I also got to use a 100-400 L lens of friend of mine on the 6D which gave me sharpness but the focus was noticeable slower than either of the combinations above (especially the 6D+70-200). I can comfortable move focus from about 150-300 with one hand which was pretty good. I will say however, the focus delay was annoying. I think I'm spoiled. 

So, I need to practice a little more with the 100-400 and compare it to the 70-200 to get a better feel for background blur, focus etc to see what works better for soccer.
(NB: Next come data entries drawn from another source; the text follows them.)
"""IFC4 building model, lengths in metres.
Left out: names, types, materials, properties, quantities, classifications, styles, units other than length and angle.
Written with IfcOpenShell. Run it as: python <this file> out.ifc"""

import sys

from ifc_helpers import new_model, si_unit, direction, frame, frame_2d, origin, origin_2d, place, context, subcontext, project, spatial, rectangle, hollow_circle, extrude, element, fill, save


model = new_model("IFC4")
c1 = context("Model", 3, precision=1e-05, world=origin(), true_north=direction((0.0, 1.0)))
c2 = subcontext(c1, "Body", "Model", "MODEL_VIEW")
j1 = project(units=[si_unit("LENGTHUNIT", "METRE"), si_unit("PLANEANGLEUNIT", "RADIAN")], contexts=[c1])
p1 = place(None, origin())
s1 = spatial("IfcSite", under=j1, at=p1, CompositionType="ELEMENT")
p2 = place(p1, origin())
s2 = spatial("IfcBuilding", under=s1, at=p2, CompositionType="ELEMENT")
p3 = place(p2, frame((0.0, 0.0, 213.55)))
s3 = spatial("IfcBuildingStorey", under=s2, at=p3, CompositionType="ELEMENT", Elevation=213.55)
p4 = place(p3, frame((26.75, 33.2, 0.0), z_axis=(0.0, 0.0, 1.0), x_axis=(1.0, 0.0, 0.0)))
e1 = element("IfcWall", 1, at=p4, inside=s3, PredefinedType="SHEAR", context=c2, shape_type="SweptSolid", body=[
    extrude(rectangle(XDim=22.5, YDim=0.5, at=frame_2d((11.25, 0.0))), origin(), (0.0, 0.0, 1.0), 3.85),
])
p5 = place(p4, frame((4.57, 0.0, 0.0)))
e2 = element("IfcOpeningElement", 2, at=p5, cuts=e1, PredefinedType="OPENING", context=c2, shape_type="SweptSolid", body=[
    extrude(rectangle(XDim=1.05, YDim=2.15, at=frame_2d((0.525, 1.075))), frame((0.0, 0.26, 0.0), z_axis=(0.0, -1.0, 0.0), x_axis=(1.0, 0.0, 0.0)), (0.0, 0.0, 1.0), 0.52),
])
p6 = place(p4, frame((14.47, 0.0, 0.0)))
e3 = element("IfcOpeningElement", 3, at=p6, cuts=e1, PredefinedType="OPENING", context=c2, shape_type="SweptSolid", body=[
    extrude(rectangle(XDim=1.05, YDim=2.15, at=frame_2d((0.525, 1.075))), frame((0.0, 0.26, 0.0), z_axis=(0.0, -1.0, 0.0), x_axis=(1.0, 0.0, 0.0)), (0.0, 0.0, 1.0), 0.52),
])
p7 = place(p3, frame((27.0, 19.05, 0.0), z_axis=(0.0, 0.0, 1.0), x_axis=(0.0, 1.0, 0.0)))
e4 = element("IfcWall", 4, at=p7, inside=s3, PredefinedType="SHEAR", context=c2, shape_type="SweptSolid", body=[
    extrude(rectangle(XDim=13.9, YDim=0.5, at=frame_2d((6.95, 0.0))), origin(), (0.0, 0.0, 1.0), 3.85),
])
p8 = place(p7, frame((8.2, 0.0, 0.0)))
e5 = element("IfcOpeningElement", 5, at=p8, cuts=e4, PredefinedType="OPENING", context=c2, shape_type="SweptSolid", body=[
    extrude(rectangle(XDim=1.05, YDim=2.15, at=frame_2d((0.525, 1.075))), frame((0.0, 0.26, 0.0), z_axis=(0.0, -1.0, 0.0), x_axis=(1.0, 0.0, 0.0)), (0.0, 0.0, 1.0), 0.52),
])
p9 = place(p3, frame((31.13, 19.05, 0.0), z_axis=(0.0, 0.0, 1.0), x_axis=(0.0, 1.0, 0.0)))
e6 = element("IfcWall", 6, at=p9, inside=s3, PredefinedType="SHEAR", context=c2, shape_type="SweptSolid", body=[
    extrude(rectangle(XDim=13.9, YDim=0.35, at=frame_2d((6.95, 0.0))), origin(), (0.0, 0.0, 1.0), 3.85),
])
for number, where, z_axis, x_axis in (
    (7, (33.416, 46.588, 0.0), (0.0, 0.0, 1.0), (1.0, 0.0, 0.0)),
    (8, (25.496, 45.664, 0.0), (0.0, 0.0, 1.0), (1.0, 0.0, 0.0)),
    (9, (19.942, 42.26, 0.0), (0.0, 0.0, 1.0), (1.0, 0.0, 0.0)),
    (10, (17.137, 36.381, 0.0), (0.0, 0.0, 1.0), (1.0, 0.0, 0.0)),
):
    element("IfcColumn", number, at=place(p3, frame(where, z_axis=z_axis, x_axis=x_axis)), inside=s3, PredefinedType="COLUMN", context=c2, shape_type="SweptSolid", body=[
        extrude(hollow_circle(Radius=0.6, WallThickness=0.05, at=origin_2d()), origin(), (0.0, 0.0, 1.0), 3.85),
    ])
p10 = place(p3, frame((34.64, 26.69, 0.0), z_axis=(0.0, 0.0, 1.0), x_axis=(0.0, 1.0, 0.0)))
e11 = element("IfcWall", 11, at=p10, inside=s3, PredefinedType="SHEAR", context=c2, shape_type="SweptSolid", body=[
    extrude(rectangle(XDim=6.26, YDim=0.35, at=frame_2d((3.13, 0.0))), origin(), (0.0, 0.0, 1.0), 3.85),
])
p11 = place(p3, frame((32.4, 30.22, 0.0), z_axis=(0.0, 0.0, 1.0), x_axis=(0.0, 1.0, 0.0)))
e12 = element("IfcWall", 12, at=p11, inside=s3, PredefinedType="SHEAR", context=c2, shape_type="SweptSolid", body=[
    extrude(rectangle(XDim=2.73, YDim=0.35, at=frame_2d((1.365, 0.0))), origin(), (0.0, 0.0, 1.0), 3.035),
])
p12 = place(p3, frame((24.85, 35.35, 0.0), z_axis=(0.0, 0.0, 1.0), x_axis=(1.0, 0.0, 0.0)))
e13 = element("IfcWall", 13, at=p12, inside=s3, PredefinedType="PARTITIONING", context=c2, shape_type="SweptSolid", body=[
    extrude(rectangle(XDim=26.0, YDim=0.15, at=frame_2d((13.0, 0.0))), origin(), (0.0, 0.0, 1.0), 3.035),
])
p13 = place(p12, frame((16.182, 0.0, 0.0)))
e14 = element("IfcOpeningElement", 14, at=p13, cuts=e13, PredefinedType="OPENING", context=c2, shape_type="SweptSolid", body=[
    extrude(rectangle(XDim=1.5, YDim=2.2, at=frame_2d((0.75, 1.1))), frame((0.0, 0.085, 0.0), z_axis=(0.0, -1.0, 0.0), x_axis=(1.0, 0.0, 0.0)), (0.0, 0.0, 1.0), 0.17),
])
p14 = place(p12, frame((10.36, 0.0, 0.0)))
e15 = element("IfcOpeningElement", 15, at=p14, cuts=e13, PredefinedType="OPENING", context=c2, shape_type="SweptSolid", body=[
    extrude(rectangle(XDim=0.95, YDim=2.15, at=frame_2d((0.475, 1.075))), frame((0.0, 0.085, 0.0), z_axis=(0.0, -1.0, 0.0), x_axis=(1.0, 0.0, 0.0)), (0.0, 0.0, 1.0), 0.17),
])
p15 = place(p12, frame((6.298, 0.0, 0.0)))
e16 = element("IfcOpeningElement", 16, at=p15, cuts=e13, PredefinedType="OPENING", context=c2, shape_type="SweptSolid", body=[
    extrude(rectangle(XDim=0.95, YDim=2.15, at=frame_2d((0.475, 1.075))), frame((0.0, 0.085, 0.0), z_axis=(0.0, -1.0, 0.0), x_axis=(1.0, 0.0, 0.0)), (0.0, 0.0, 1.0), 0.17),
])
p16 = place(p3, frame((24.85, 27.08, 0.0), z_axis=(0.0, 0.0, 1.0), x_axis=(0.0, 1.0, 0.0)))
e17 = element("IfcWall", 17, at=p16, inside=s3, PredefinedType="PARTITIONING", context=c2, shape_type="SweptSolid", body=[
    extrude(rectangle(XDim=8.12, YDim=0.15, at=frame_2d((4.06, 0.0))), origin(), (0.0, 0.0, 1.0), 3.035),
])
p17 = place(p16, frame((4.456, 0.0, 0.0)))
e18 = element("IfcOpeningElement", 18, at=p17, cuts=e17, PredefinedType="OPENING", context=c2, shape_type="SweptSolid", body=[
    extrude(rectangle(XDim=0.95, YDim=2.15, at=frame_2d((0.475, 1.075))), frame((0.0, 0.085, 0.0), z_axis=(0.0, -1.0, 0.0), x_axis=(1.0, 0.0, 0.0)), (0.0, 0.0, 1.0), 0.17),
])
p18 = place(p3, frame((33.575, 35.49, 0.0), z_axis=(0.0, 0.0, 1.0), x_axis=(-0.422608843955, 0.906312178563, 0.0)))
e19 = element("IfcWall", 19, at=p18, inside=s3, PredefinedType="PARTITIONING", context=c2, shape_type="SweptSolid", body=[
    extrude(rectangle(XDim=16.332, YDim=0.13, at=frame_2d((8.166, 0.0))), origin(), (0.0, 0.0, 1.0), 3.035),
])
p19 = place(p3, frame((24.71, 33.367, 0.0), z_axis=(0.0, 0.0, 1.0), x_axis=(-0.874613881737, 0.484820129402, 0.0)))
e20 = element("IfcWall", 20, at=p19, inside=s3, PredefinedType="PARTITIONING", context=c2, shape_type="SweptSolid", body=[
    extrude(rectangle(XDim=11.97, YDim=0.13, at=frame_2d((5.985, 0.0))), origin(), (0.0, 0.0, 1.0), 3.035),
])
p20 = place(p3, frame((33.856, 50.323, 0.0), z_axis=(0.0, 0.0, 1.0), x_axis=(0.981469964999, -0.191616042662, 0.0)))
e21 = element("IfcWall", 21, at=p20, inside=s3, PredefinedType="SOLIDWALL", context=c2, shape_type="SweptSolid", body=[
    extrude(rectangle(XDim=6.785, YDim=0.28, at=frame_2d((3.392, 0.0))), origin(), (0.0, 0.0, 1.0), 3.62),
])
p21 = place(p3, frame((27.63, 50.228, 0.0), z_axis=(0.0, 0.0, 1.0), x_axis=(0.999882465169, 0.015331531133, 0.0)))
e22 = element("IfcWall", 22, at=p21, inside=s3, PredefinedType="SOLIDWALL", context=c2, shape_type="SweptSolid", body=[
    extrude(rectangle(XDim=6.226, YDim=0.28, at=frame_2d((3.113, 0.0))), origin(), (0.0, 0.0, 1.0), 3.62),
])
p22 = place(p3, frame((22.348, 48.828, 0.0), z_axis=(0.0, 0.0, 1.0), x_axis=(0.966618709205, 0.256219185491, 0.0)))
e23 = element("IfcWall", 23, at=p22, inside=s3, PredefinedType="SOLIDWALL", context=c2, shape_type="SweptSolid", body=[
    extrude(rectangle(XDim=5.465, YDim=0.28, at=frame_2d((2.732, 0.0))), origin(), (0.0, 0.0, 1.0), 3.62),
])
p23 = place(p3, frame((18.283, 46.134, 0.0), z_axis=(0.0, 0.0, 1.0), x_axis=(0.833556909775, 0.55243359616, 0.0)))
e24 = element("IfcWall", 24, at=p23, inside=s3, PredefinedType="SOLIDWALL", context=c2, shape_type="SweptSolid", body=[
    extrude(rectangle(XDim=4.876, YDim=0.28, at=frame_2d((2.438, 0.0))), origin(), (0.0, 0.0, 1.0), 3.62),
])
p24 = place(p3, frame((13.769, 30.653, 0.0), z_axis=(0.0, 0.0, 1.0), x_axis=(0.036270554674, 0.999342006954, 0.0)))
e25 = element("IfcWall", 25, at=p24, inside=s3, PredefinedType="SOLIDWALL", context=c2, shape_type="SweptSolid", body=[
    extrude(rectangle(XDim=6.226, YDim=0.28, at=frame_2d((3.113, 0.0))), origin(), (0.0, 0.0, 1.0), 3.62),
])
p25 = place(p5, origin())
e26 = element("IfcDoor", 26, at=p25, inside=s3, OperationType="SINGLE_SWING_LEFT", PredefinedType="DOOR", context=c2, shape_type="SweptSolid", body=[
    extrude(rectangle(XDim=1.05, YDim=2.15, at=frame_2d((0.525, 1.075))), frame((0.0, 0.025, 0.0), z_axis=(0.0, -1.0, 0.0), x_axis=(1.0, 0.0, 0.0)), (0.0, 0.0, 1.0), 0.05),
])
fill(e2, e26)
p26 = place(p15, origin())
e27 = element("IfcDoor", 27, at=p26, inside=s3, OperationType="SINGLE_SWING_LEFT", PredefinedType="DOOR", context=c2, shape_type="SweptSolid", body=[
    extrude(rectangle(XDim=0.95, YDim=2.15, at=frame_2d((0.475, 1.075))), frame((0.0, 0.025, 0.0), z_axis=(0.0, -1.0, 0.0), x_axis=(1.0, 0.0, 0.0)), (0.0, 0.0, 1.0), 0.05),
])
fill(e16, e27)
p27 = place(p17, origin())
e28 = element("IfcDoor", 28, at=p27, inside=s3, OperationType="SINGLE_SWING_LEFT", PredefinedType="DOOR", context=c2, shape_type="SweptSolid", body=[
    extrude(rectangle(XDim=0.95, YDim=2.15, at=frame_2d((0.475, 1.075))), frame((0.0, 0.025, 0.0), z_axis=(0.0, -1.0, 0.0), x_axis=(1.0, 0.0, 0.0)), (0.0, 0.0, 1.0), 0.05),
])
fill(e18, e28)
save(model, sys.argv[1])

Of course there are other options such as the 70-300 L, adding a 1.4 extender to the 70-200, the 300 f4L (maybe a used unsupported 300 non IS 2.8) and the 400 5.6. If I'm looking for at least 300mm and good fast focus on a 6D...any thoughts.


----------



## bseitz234 (Feb 18, 2013)

300 2.8 would be awesome, but definitely not cheap... the 300 f/4 is very sharp, plays reasonably well with a 1.4x extender if you wanted more reach, and has fast AF. If you wanted to add to your collection, I'd say the 300 f/4 (IS nice for other usage, but probably not necessary for fast-moving sports if you can find a used non-IS version) would be a great add!


----------



## pj1974 (Feb 18, 2013)

I'd recommend the 70-300mm L - which is sharper (especially at the tele end), better AF, more contrast and superior IS and a bit 'faster' than the nonL lens at the same focal lengths.

On a crop body (eg T2i or 7D, etc) - it's effectively a 480mm, which- when having decent amount of MP (18MP) still allows a decent crop.

I find 70-200mm short for such outdoor sports, though of course the constant f/2.8 is handy for stopping action.

Otherwise going for a large prime (eg 300mm f/2.8 or 400mm f/2.8) is going to cost you a lot more money. I love my 70-300mm L for outdoor work... both occasional sports - and great as a walk around wildlife lens too.

Paul


----------



## captainkanji (Feb 18, 2013)

I'm considering putting together a kit for reach with my 6D. I'm looking at the 300 f/4 IS with 1.4 or the 400 5.6. Im not sure which set up would give me the best sharpness. I'm also planning on shooting indoor events where I may not be able to get close to the stage, which is why I considered the IS. I'll be renting one of the lenses and was wondering if anyone had experience with either.


----------



## lux (Apr 14, 2013)

Ok another update: It has been 2 months until my eldest had a soccer game in the daytime without severe cloud cover. So I tried a few combinations

6D 70-200 , 6D 70-200 with 1.4 III, 6d 100-400 and 2ti 100-400.

so here it goes.
6d 70-200 not enough reach for much of the field. If close to where i'm stationed then fine but not really enough close predictable action. Maybe good for infield baseball or indoor soccer.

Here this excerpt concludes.